Je suis un peu groggy, mais j’arrive à tourner légèrement la tête et j’aperçois un képi, et sous le képi, une tête. Un gendarme ! L’homme ouvre la portière et m’aide à sortir. J’ai du mal à tenir sur mes jambes. Lorsque le deuxième arrive, me soutenant, ils me font marcher un peu. Il pleut encore quelques gouttes, au loin, l’orage gronde, les éclairs zèbrent le ciel. Je parviens difficilement à côté de leur véhicule, dans lequel ils me font monter. Bizarre cette camionnette, je connais assez bien les gendarmes de Canciet, mais pas ces deux-là ! Quelques minutes plus tard, l’orage s’est éloigné, le ciel est de nouveau bleu, apparaît même un arc-en-ciel. J’ai dû rester un bon moment inconscient dans la voiture. Mais certainement pas plus d’une heure. Encore bizarre, la petite route me semble plus large, et il y a même une bande discontinue au milieu.

– Monsieur, j’ai demandé à une dépanneuse de venir chercher votre 504. Mais comment avez-vous fait votre compte, ça monte légèrement, et la route est pratiquement droite ! Peut-être la foudre, et alors, vous avez fait un malaise, et en plus vous n’aviez pas votre ceinture de sécurité !

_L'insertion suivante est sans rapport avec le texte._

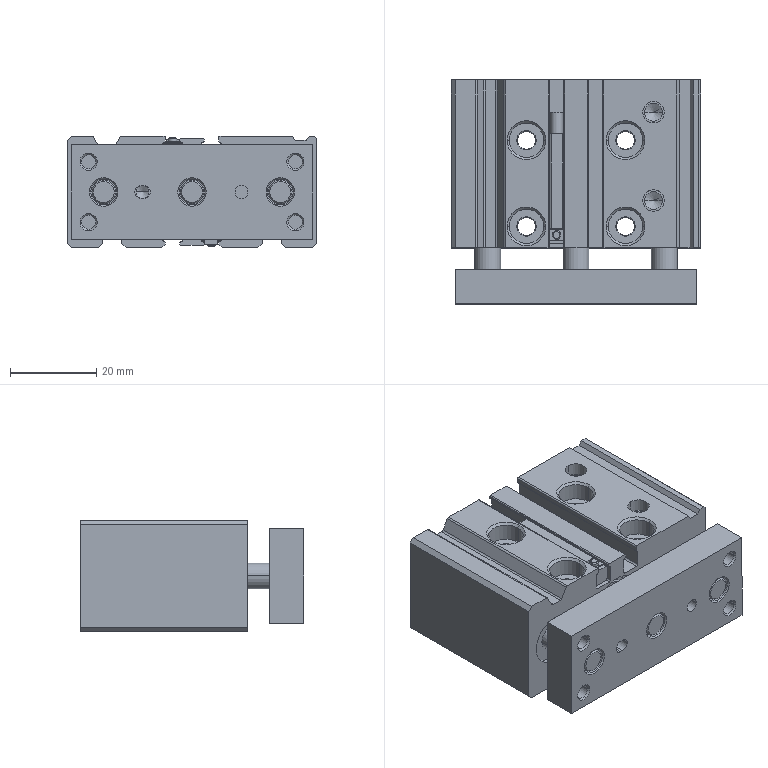Component | SolidWorks | PurchasedPart_Three-axisCylinderTCL12x10S-1 | 4 solids | 437 faces | box 58 x 52 x 26 mm | volume 55062 mm3 | cylinder 193 | plane 156 | cone 86 | torus 2 | commonest cylinder face diameters 3 x25 0.8 x24 6 x18 0.4 x16 3.242 x16 4.134 x12 0.6 x10 12 x10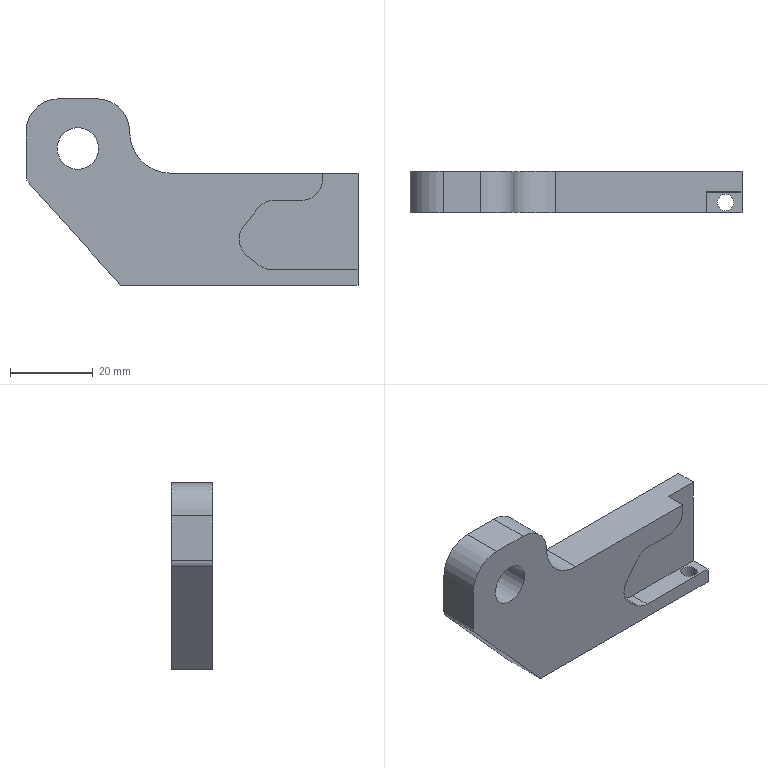Component | NX | MODEL4 | 1 solid | 24 faces | volume 19824 mm3 | plane 14 | cylinder 10 | commonest cylinder face diameters 10 x5 4 x2 16 x2 20 x1

– C’est à cause de l’orage, il y avait de l’eau partout, je roulais au pas, je pense que la foudre est tombée sur la voiture. J’ai perdu le contrôle de ma 404, mais maintenant ça va aller ! J’arrivais de chez les Deluc, du manoir Saint-Pierre, la Séoune doit avoir débordé, et la route du fond doit-être complétement submergée, alors Monsieur Deluc m’a conseillé de repartir par le haut.

– Vous vous appelez comment Monsieur ?

– Letellier, Lissandre Letellier, j’habite Canciet, je suis le marchand de graines. J’ai une boutique sur la place de la mairie, c’est ma femme Mauricette qui est à la caisse. Vous êtes nouveaux, je connais tous les gendarmes de Canciet, et l’adjudant-chef Tabouriech, mais vos visages ne me disent rien, vous arrivez d’où ?

– Je vous signale Monsieur Lissandre Letellier, qu’il n’y a plus de gendarmerie à Canciet depuis au moins trois ans ! Nous sommes de la brigade de Condom, notre patron est l’adjudant-chef Pendellet ! Vous êtes certain d’aller bien Monsieur Letellier ? Vous venez d’où exactement Monsieur Letellier ?

Nous sommes le jeudi 4 juillet 63, au tout début de l’été. À l’ouest un gros orage monte. Je suis en route pour le Manoir Saint-Pierre. Les éclairs zèbrent le ciel, le tonnerre gronde. À peine arrivé, la pluie commence à tomber, un véritable déluge. Dans le petit salon, les Deluc, sont là, nez collé à la fenêtre, les yeux rivés vers l’extérieur.

– Bonjour Monsieur Deluc, bonjour Émilie, quel sale temps, vous allez bien ?

– Bonjour Letellier, nous allons comme le temps va mon ami ! Quel sale temps, ça fait le quatrième orage en à peine dix jours, encore heureux si la grêle ne s’invite pas ! S’il grêle s’en sera terminé des récoltes pour l’année. Plus de blé, plus d’orge, plus d’avoine, et plus de vigne. Il ne nous restera que le bétail, et encore, si les fermiers ont assez d’herbe pour les nourrir. Il n’y a que vous qui ne perdrez rien, vous avez choisi le bon métier, acheter et vendre, des graines, vendre des engrais !

– Ne croyez pas ça Monsieur Deluc, si je n’ai pas de graines à acheter, je n’ai pas de semence à vendre, et je ne vends pas non plus d’engrais !

Les Deluc du manoir Saint-Pierre étaient, il a encore quelques années, propriétaires de 6 fermes, louées à six fermiers. C’était l’époque florissante de l’après-guerre. Aujourd’hui, ils n’en ont plus que deux, celles de Madame.